In 1601, Pope Clement VIII declared the legend of the female pope to be untrue. The famous bust of her, inscribed Johannes VIII, Femina ex Anglia, which had been carved for the series of papal figures in the Duomo di Siena about 1400 and was noted by travelers, was either destroyed or recarved and relabeled, replaced by a male figure, that of Pope Zachary.

The legend of Pope Joan was "effectively demolished" by David Blondel, a mid-17th-century Protestant historian, who suggested that Pope Joan's tale may have originated in a satire against Pope John XI, who died in his early 20s. Blondel, through detailed analysis of the claims and suggested timings, argued that no such events could have happened.

The 16th-century Italian historian Onofrio Panvinio, commenting on one of Bartolomeo Platina's works that refer to Pope Joan, theorized that the story of Pope Joan may have originated from tales of Pope John XII; John reportedly had many mistresses, including one called Joan, who was very influential in Rome during his pontificate.

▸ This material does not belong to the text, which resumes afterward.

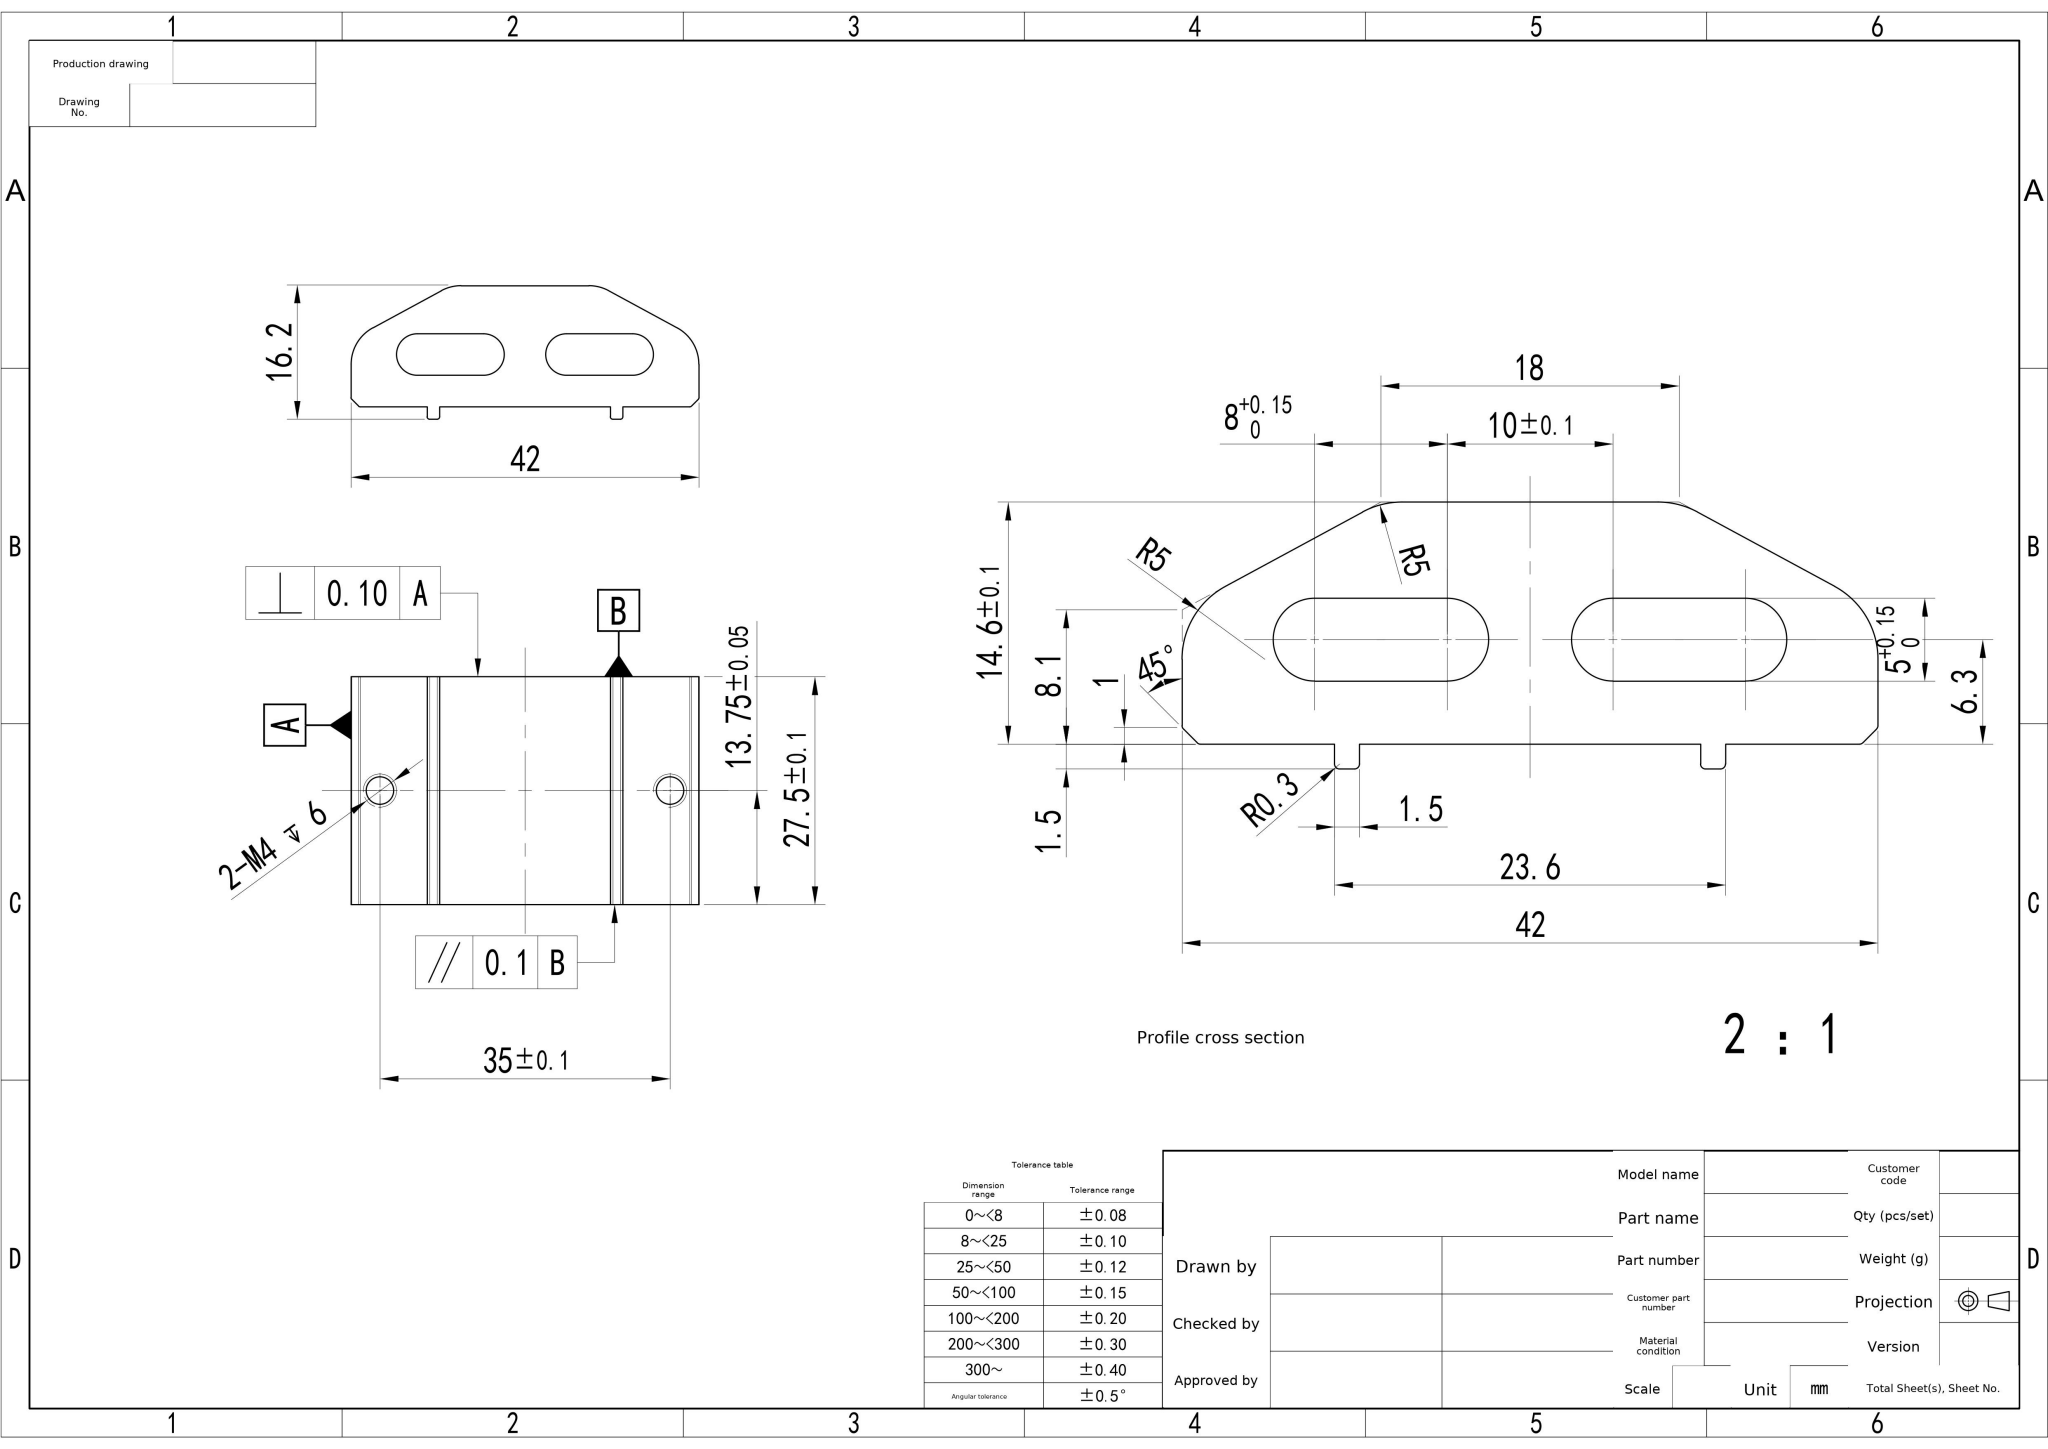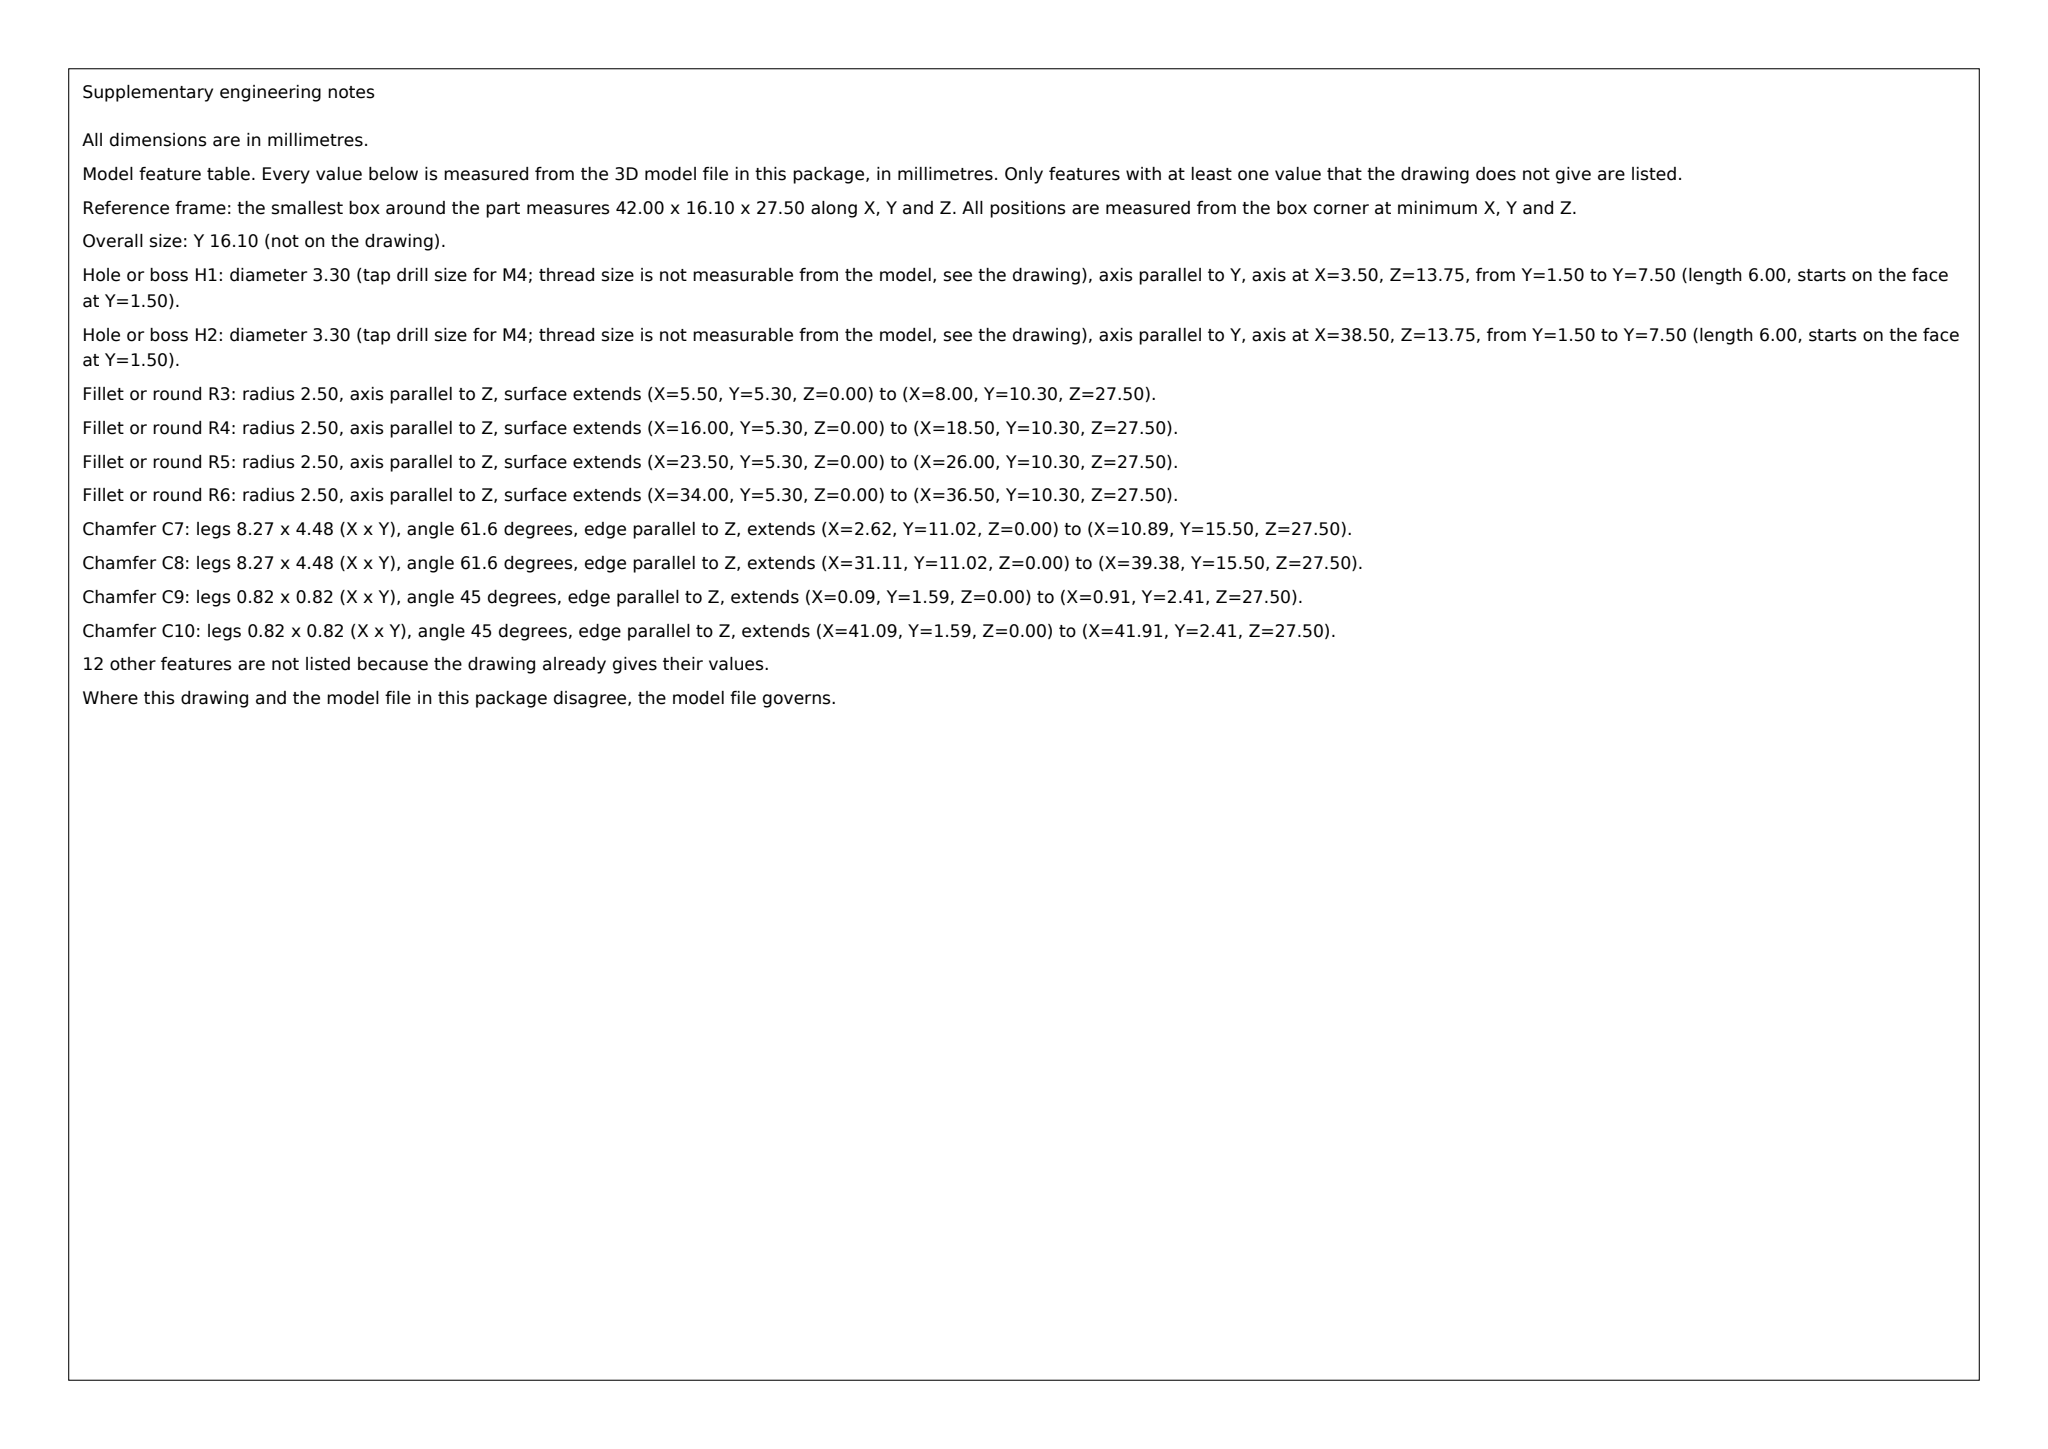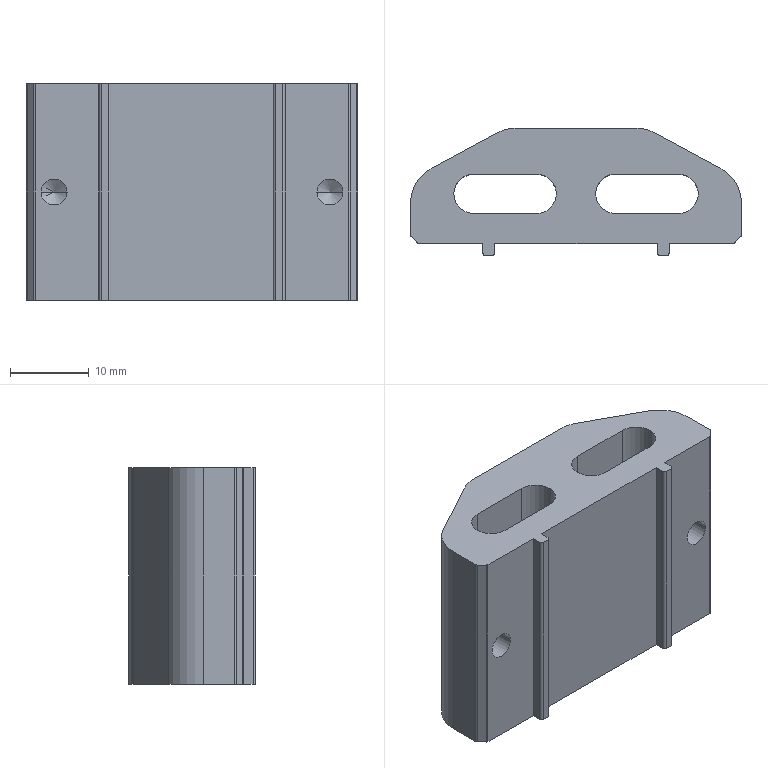Part | SolidWorks | mm | 1 solid | 48 faces | box 42 x 16.1 x 27.5 mm | volume 11336 mm3 | cylinder 22 | plane 22 | cone 4 | commonest cylinder face diameters 0.6 x8 5 x6 3.3 x4 10 x4

At the time of the Reformation, various Protestant writers took up the Pope Joan legend in their anti-Catholic writings, and the Catholics responded with their own polemic.  According to Pierre Gustave Brunet, Various authors, in the 16th and 17th centuries, occupied themselves with Pope Joan, but it was from the point of view of the polemic engaged in between the partisans of Lutheran or Calvinist reform and the apologists of Catholicism.
An English writer, Alexander Cooke, wrote a book entitled Pope Joane: A Dialogue between a Protestant and a Papist, which purported to prove the existence of Pope Joan by reference to Catholic traditions. It was republished in 1675 as A Present for a Papist: Or the Life and Death of Pope Joan, Plainly Proving Out of the Printed Copies, and Manscriptes of Popish Writers and Others, That a Woman called Joan, Was Really Pope of Rome, and Was There Deliver'd of a Bastard Son in the Open Street as She Went in Solemn Procession. The book gives an account of Pope Joan giving birth to a son in plain view of all those around, accompanied by a detailed engraving showing a rather surprised looking baby peeking out from under the Pope's robes. Even in the 19th century, authors such as Ewaldus Kist and Karl Hase discussed the story as a real occurrence. However, other Protestant writers, such as David Blondel and Gottfried Leibniz, rejected the story.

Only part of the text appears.